Question

A rod of length 0.3 $m$ having variable linear mass density from A to B as $\lambda ={\lambda }_{0}x$ (x is distance from A in meter), where ${\lambda }_0=100kg/m^2$ is suspended by two light wires of same length. Ratio of their linear mass density is 2 : 9. Then which of the following is/are correct ?
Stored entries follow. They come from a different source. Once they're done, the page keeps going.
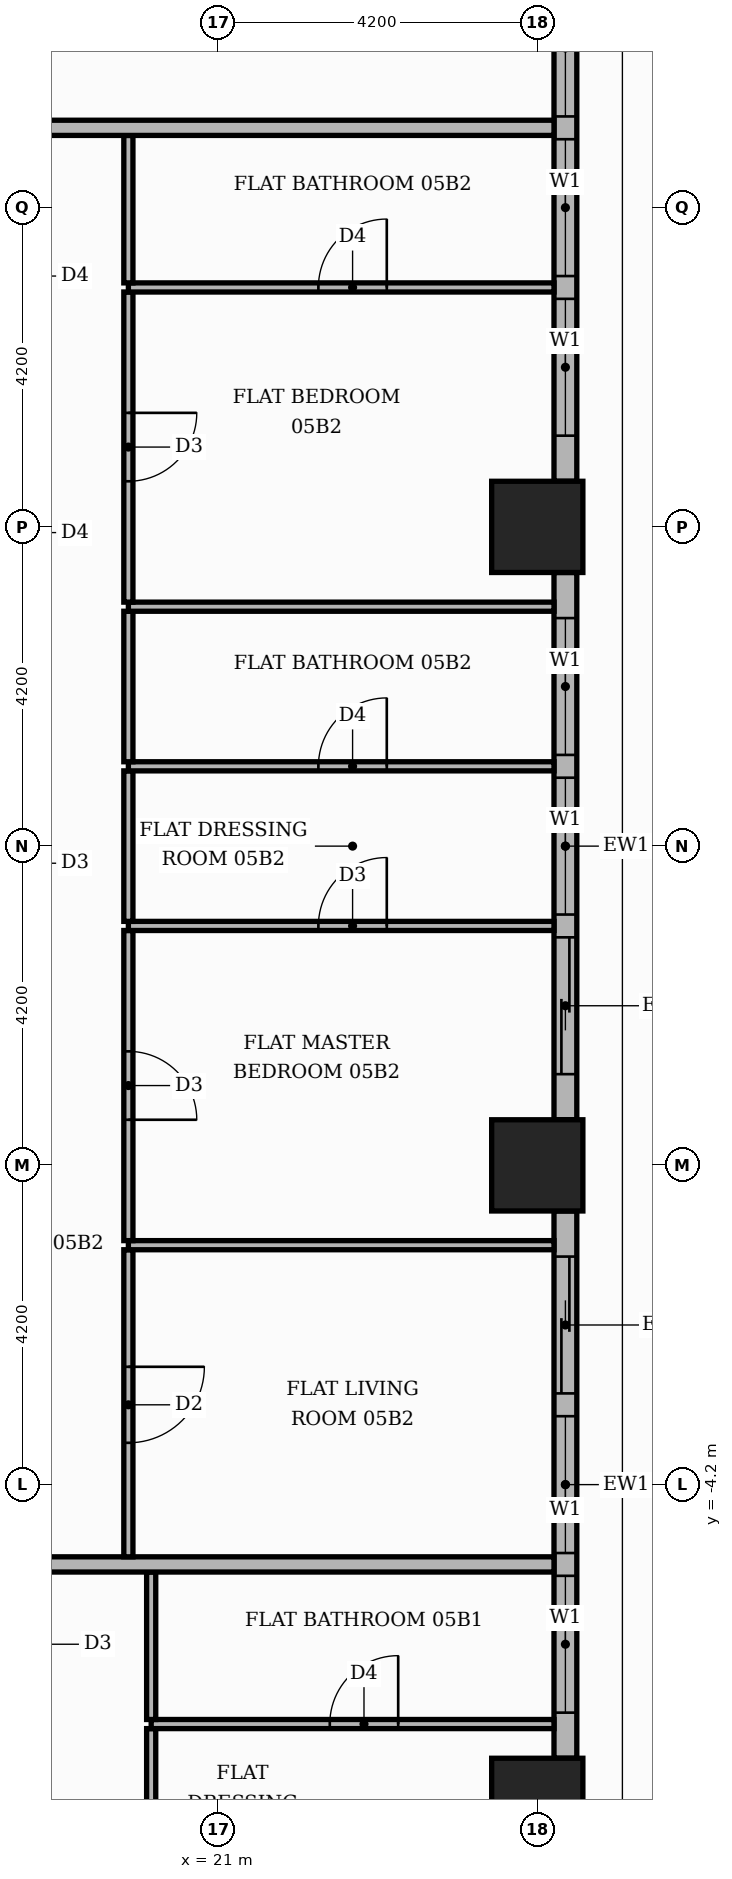
"""IFC4 building model, lengths in metres.
Left out: names, types, materials, properties, quantities, classifications, styles, units other than length and angle.
Written with IfcOpenShell. Run it as: python <this file> out.ifc"""

import sys

from ifc_helpers import new_model, si_unit, direction, frame, frame_2d, origin, origin_2d, place, context, subcontext, project, spatial, rectangle, extrude, element, fill, save


model = new_model("IFC4")
c1 = context("Model", 3, precision=1e-05, world=origin(), true_north=direction((0.0, 1.0)))
c2 = subcontext(c1, "Body", "Model", "MODEL_VIEW")
j1 = project(units=[si_unit("LENGTHUNIT", "METRE"), si_unit("PLANEANGLEUNIT", "RADIAN")], contexts=[c1])
p1 = place(None, origin())
s1 = spatial("IfcSite", under=j1, at=p1, CompositionType="ELEMENT")
p2 = place(p1, origin())
s2 = spatial("IfcBuilding", under=s1, at=p2, CompositionType="ELEMENT")
p3 = place(p2, frame((0.0, 0.0, 27.0)))
s3 = spatial("IfcBuildingStorey", under=s2, at=p3, CompositionType="ELEMENT", Elevation=27.0)
for number, where, z_axis, x_axis in (
    (1, (25.2, 0.0, 0.0), (0.0, 0.0, 1.0), (1.0, 0.0, 0.0)),
    (2, (25.2, 8.4, 0.0), (0.0, 0.0, 1.0), (1.0, 0.0, 0.0)),
    (3, (25.2, -8.4, 0.0), (0.0, 0.0, 1.0), (1.0, 0.0, 0.0)),
):
    element("IfcColumn", number, at=place(p3, frame(where, z_axis=z_axis, x_axis=x_axis)), inside=s3, PredefinedType="COLUMN", context=c2, shape_type="SweptSolid", body=[
        extrude(rectangle(XDim=1.2, YDim=1.2, at=origin_2d()), origin(), (0.0, 0.0, 1.0), 3.9),
    ])
p4 = place(p3, frame((25.57, -7.8, 0.0), z_axis=(0.0, 0.0, 1.0), x_axis=(0.0, 1.0, 0.0)))
e4 = element("IfcWall", 4, at=p4, inside=s3, PredefinedType="STANDARD", context=c2, shape_type="SweptSolid", body=[
    extrude(rectangle(XDim=7.2, YDim=0.3, at=frame_2d((3.6, 0.0))), origin(), (0.0, 0.0, 1.0), 3.48),
])
p5 = place(p4, frame((0.6, 0.0, 0.9)))
e5 = element("IfcOpeningElement", 5, at=p5, cuts=e4, PredefinedType="OPENING", context=c2, shape_type="SweptSolid", body=[
    extrude(rectangle(XDim=1.8, YDim=2.1, at=frame_2d((0.9, 1.05))), frame((0.0, 0.16, 0.0), z_axis=(0.0, -1.0, 0.0), x_axis=(1.0, 0.0, 0.0)), (0.0, 0.0, 1.0), 0.32),
])
p6 = place(p4, frame((2.7, 0.0, 0.9)))
e6 = element("IfcOpeningElement", 6, at=p6, cuts=e4, PredefinedType="OPENING", context=c2, shape_type="SweptSolid", body=[
    extrude(rectangle(XDim=1.8, YDim=2.1, at=frame_2d((0.9, 1.05))), frame((0.0, 0.16, 0.0), z_axis=(0.0, -1.0, 0.0), x_axis=(1.0, 0.0, 0.0)), (0.0, 0.0, 1.0), 0.32),
])
p7 = place(p4, frame((4.8, 0.0, 0.0)))
e7 = element("IfcOpeningElement", 7, at=p7, cuts=e4, PredefinedType="OPENING", context=c2, shape_type="SweptSolid", body=[
    extrude(rectangle(XDim=1.8, YDim=2.4, at=frame_2d((0.9, 1.2))), frame((0.0, 0.16, 0.0), z_axis=(0.0, -1.0, 0.0), x_axis=(1.0, 0.0, 0.0)), (0.0, 0.0, 1.0), 0.32),
])
p8 = place(p3, frame((25.57, 0.6, 0.0), z_axis=(0.0, 0.0, 1.0), x_axis=(0.0, 1.0, 0.0)))
e8 = element("IfcWall", 8, at=p8, inside=s3, PredefinedType="STANDARD", context=c2, shape_type="SweptSolid", body=[
    extrude(rectangle(XDim=7.2, YDim=0.3, at=frame_2d((3.6, 0.0))), origin(), (0.0, 0.0, 1.0), 3.48),
])
p9 = place(p8, frame((0.6, 0.0, 0.0)))
e9 = element("IfcOpeningElement", 9, at=p9, cuts=e8, PredefinedType="OPENING", context=c2, shape_type="SweptSolid", body=[
    extrude(rectangle(XDim=1.8, YDim=2.4, at=frame_2d((0.9, 1.2))), frame((0.0, 0.16, 0.0), z_axis=(0.0, -1.0, 0.0), x_axis=(1.0, 0.0, 0.0)), (0.0, 0.0, 1.0), 0.32),
])
p10 = place(p8, frame((2.7, 0.0, 0.9)))
e10 = element("IfcOpeningElement", 10, at=p10, cuts=e8, PredefinedType="OPENING", context=c2, shape_type="SweptSolid", body=[
    extrude(rectangle(XDim=1.8, YDim=2.1, at=frame_2d((0.9, 1.05))), frame((0.0, 0.16, 0.0), z_axis=(0.0, -1.0, 0.0), x_axis=(1.0, 0.0, 0.0)), (0.0, 0.0, 1.0), 0.32),
])
p11 = place(p8, frame((4.8, 0.0, 0.9)))
e11 = element("IfcOpeningElement", 11, at=p11, cuts=e8, PredefinedType="OPENING", context=c2, shape_type="SweptSolid", body=[
    extrude(rectangle(XDim=1.8, YDim=2.1, at=frame_2d((0.9, 1.05))), frame((0.0, 0.16, 0.0), z_axis=(0.0, -1.0, 0.0), x_axis=(1.0, 0.0, 0.0)), (0.0, 0.0, 1.0), 0.32),
])
p12 = place(p3, frame((25.57, 9.0, 0.0), z_axis=(0.0, 0.0, 1.0), x_axis=(0.0, 1.0, 0.0)))
e12 = element("IfcWall", 12, at=p12, inside=s3, PredefinedType="STANDARD", context=c2, shape_type="SweptSolid", body=[
    extrude(rectangle(XDim=7.2, YDim=0.3, at=frame_2d((3.6, 0.0))), origin(), (0.0, 0.0, 1.0), 3.48),
])
p13 = place(p12, frame((0.6, 0.0, 0.9)))
e13 = element("IfcOpeningElement", 13, at=p13, cuts=e12, PredefinedType="OPENING", context=c2, shape_type="SweptSolid", body=[
    extrude(rectangle(XDim=1.8, YDim=2.1, at=frame_2d((0.9, 1.05))), frame((0.0, 0.16, 0.0), z_axis=(0.0, -1.0, 0.0), x_axis=(1.0, 0.0, 0.0)), (0.0, 0.0, 1.0), 0.32),
])
p14 = place(p12, frame((2.7, 0.0, 0.9)))
e14 = element("IfcOpeningElement", 14, at=p14, cuts=e12, PredefinedType="OPENING", context=c2, shape_type="SweptSolid", body=[
    extrude(rectangle(XDim=1.8, YDim=2.1, at=frame_2d((0.9, 1.05))), frame((0.0, 0.16, 0.0), z_axis=(0.0, -1.0, 0.0), x_axis=(1.0, 0.0, 0.0)), (0.0, 0.0, 1.0), 0.32),
])
p15 = place(p12, frame((4.8, 0.0, 0.9)))
e15 = element("IfcOpeningElement", 15, at=p15, cuts=e12, PredefinedType="OPENING", context=c2, shape_type="SweptSolid", body=[
    extrude(rectangle(XDim=1.8, YDim=2.1, at=frame_2d((0.9, 1.05))), frame((0.0, 0.16, 0.0), z_axis=(0.0, -1.0, 0.0), x_axis=(1.0, 0.0, 0.0)), (0.0, 0.0, 1.0), 0.32),
])
p16 = place(p3, frame((20.12, -9.39, 0.0), z_axis=(0.0, 0.0, 1.0), x_axis=(0.0, 1.0, 0.0)))
e16 = element("IfcWall", 16, at=p16, inside=s3, PredefinedType="PARTITIONING", context=c2, shape_type="SweptSolid", body=[
    extrude(rectangle(XDim=1.98, YDim=0.12, at=frame_2d((0.99, 0.0))), origin(), (0.0, 0.0, 1.0), 3.48),
])
p17 = place(p3, frame((20.12, -7.35, 0.0), z_axis=(0.0, 0.0, 1.0), x_axis=(1.0, 0.0, 0.0)))
e17 = element("IfcWall", 17, at=p17, inside=s3, PredefinedType="PARTITIONING", context=c2, shape_type="SweptSolid", body=[
    extrude(rectangle(XDim=5.3, YDim=0.12, at=frame_2d((2.65, 0.0))), origin(), (0.0, 0.0, 1.0), 3.48),
])
p18 = place(p17, frame((2.35, 0.0, 0.0)))
e18 = element("IfcOpeningElement", 18, at=p18, cuts=e17, PredefinedType="OPENING", context=c2, shape_type="SweptSolid", body=[
    extrude(rectangle(XDim=0.9, YDim=2.1, at=frame_2d((0.45, 1.05))), frame((0.0, 0.07, 0.0), z_axis=(0.0, -1.0, 0.0), x_axis=(1.0, 0.0, 0.0)), (0.0, 0.0, 1.0), 0.14),
])
p19 = place(p3, frame((20.12, -7.29, 0.0), z_axis=(0.0, 0.0, 1.0), x_axis=(0.0, 1.0, 0.0)))
e19 = element("IfcWall", 19, at=p19, inside=s3, PredefinedType="PARTITIONING", context=c2, shape_type="SweptSolid", body=[
    extrude(rectangle(XDim=1.94, YDim=0.12, at=frame_2d((0.97, 0.0))), origin(), (0.0, 0.0, 1.0), 3.48),
])
p20 = place(p3, frame((13.65, -5.25, 0.0), z_axis=(0.0, 0.0, 1.0), x_axis=(1.0, 0.0, 0.0)))
e20 = element("IfcWall", 20, at=p20, inside=s3, PredefinedType="PARTITIONING", context=c2, shape_type="SweptSolid", body=[
    extrude(rectangle(XDim=11.77, YDim=0.2, at=frame_2d((5.885, 0.0))), origin(), (0.0, 0.0, 1.0), 3.48),
])
p21 = place(p3, frame((19.82, -5.15, 0.0), z_axis=(0.0, 0.0, 1.0), x_axis=(0.0, 1.0, 0.0)))
e21 = element("IfcWall", 21, at=p21, inside=s3, PredefinedType="PARTITIONING", context=c2, shape_type="SweptSolid", body=[
    extrude(rectangle(XDim=4.04, YDim=0.12, at=frame_2d((2.02, 0.0))), origin(), (0.0, 0.0, 1.0), 3.48),
])
p22 = place(p21, frame((1.5, 0.0, 0.0)))
e22 = element("IfcOpeningElement", 22, at=p22, cuts=e21, PredefinedType="OPENING", context=c2, shape_type="SweptSolid", body=[
    extrude(rectangle(XDim=1.0, YDim=2.1, at=frame_2d((0.5, 1.05))), frame((0.0, 0.07, 0.0), z_axis=(0.0, -1.0, 0.0), x_axis=(1.0, 0.0, 0.0)), (0.0, 0.0, 1.0), 0.14),
])
p23 = place(p3, frame((19.82, -1.05, 0.0), z_axis=(0.0, 0.0, 1.0), x_axis=(1.0, 0.0, 0.0)))
e23 = element("IfcWall", 23, at=p23, inside=s3, PredefinedType="PARTITIONING", context=c2, shape_type="SweptSolid", body=[
    extrude(rectangle(XDim=5.6, YDim=0.12, at=frame_2d((2.8, 0.0))), origin(), (0.0, 0.0, 1.0), 3.48),
])
p24 = place(p3, frame((19.82, -0.99, 0.0), z_axis=(0.0, 0.0, 1.0), x_axis=(0.0, 1.0, 0.0)))
e24 = element("IfcWall", 24, at=p24, inside=s3, PredefinedType="PARTITIONING", context=c2, shape_type="SweptSolid", body=[
    extrude(rectangle(XDim=4.08, YDim=0.12, at=frame_2d((2.04, 0.0))), origin(), (0.0, 0.0, 1.0), 3.48),
])
p25 = place(p24, frame((1.59, 0.0, 0.0)))
e25 = element("IfcOpeningElement", 25, at=p25, cuts=e24, PredefinedType="OPENING", context=c2, shape_type="SweptSolid", body=[
    extrude(rectangle(XDim=0.9, YDim=2.1, at=frame_2d((0.45, 1.05))), frame((0.0, 0.07, 0.0), z_axis=(0.0, -1.0, 0.0), x_axis=(1.0, 0.0, 0.0)), (0.0, 0.0, 1.0), 0.14),
])
p26 = place(p3, frame((19.82, 3.15, 0.0), z_axis=(0.0, 0.0, 1.0), x_axis=(1.0, 0.0, 0.0)))
e26 = element("IfcWall", 26, at=p26, inside=s3, PredefinedType="PARTITIONING", context=c2, shape_type="SweptSolid", body=[
    extrude(rectangle(XDim=5.6, YDim=0.12, at=frame_2d((2.8, 0.0))), origin(), (0.0, 0.0, 1.0), 3.48),
])
p27 = place(p26, frame((2.5, 0.0, 0.0)))
e27 = element("IfcOpeningElement", 27, at=p27, cuts=e26, PredefinedType="OPENING", context=c2, shape_type="SweptSolid", body=[
    extrude(rectangle(XDim=0.9, YDim=2.1, at=frame_2d((0.45, 1.05))), frame((0.0, 0.07, 0.0), z_axis=(0.0, -1.0, 0.0), x_axis=(1.0, 0.0, 0.0)), (0.0, 0.0, 1.0), 0.14),
])
p28 = place(p3, frame((19.82, 3.21, 0.0), z_axis=(0.0, 0.0, 1.0), x_axis=(0.0, 1.0, 0.0)))
e28 = element("IfcWall", 28, at=p28, inside=s3, PredefinedType="PARTITIONING", context=c2, shape_type="SweptSolid", body=[
    extrude(rectangle(XDim=1.98, YDim=0.12, at=frame_2d((0.99, 0.0))), origin(), (0.0, 0.0, 1.0), 3.48),
])
p29 = place(p3, frame((19.82, 5.25, 0.0), z_axis=(0.0, 0.0, 1.0), x_axis=(1.0, 0.0, 0.0)))
e29 = element("IfcWall", 29, at=p29, inside=s3, PredefinedType="PARTITIONING", context=c2, shape_type="SweptSolid", body=[
    extrude(rectangle(XDim=5.6, YDim=0.12, at=frame_2d((2.8, 0.0))), origin(), (0.0, 0.0, 1.0), 3.48),
])
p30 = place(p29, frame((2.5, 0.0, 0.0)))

• A. Ratio of wave speed in wire - 1 to wire - 2 is 3 : 2
• B. Ratio of wave speed in wire - 1 to wire - 2 is 3 : 1
• C. Second harmonic in wire -1 has same frequency as third harmonic in wire -2
• D. Third overtone in wire -1 has same frequency as fifth overtone in wire -2

Answer 1

Answer: (A), (C), (D)

The correct options are
A Ratio of wave speed in wire - 1 to wire - 2 is 3 : 2
C Second harmonic in wire -1 has same frequency as third harmonic in wire -2
D Third overtone in wire -1 has same frequency as fifth overtone in wire -2

Given,
$\frac{dm}{dx}={\lambda }_{0}x$
$⟹dm={\lambda }_{0}xdx$
Centre of mass
$=\frac{{\int }_0^{L}xdm}{{\int }_0^{L}dm}=\frac{{\int }_0^L{\lambda }_0{x}^{2}dx}{{\int }_0^L{\lambda }_{0}xdx}=\frac{{\lambda }_0\frac{L^3}{3}}{{\lambda }_0\frac{L^2}{3}}=\frac{2L}{3}$
Mass of rod is,
${\int }_0^L{\lambda }_{0}xdx=\frac{{\lambda }_0{L}^2}{2}$
Apply force equilibrium on rod we get,
$T_1+T_2=\frac{{\lambda }_0{L}^2}{2}g$
Tourque equilibrium about point A on rod,
$T_2\times L=\frac{{\lambda }_0{L}^2}{2}g\times \frac{2L}{3}$
$T_2=\frac{{\lambda }_0{L}^{2}g}{3}$ $T_1=\frac{{\lambda }_0{L}^{2}g}{6}$
$L=0.3m$ ${\lambda }_0=100kg/m^2$
$T_2=30N,$ $T_1=15N$
Relation between wave speed and tension in wires,
$V_1=\sqrt{\frac{T_1}{{\mu }_1}}$ and $V_2=\sqrt{\frac{T_2}{{\mu }_2}}$
$\frac{V_1}{V_2}=\sqrt{\frac{T_1{\mu }_2}{T_2{\mu }_1}}=\frac{3}{2}$
n- harmonic frequency in a string is,
$f=\frac{n}{2l}\sqrt{\frac{T}{\mu }}$
Second harmonic of wire - 1,
$f_{21}=\frac{2}{2l}\sqrt{\frac{T_1}{{\mu }_1}}=\frac{2}{2l}{V}_1$
Third harmonic of wire - 2,
$f_{32}=\frac{3}{2l}\sqrt{\frac{T_2}{{\mu }_2}}=\frac{3}{2l}{V}_2$
$\frac{f_{21}}{f_{32}}=\frac{2\times 3}{3\times 2}=1$
We know, harmonic is one greater than overtone, so third overtone is equal to fourth harmonic and fifth overtone is equal to sixth harmonic.
hence, option (d) automatically get correct.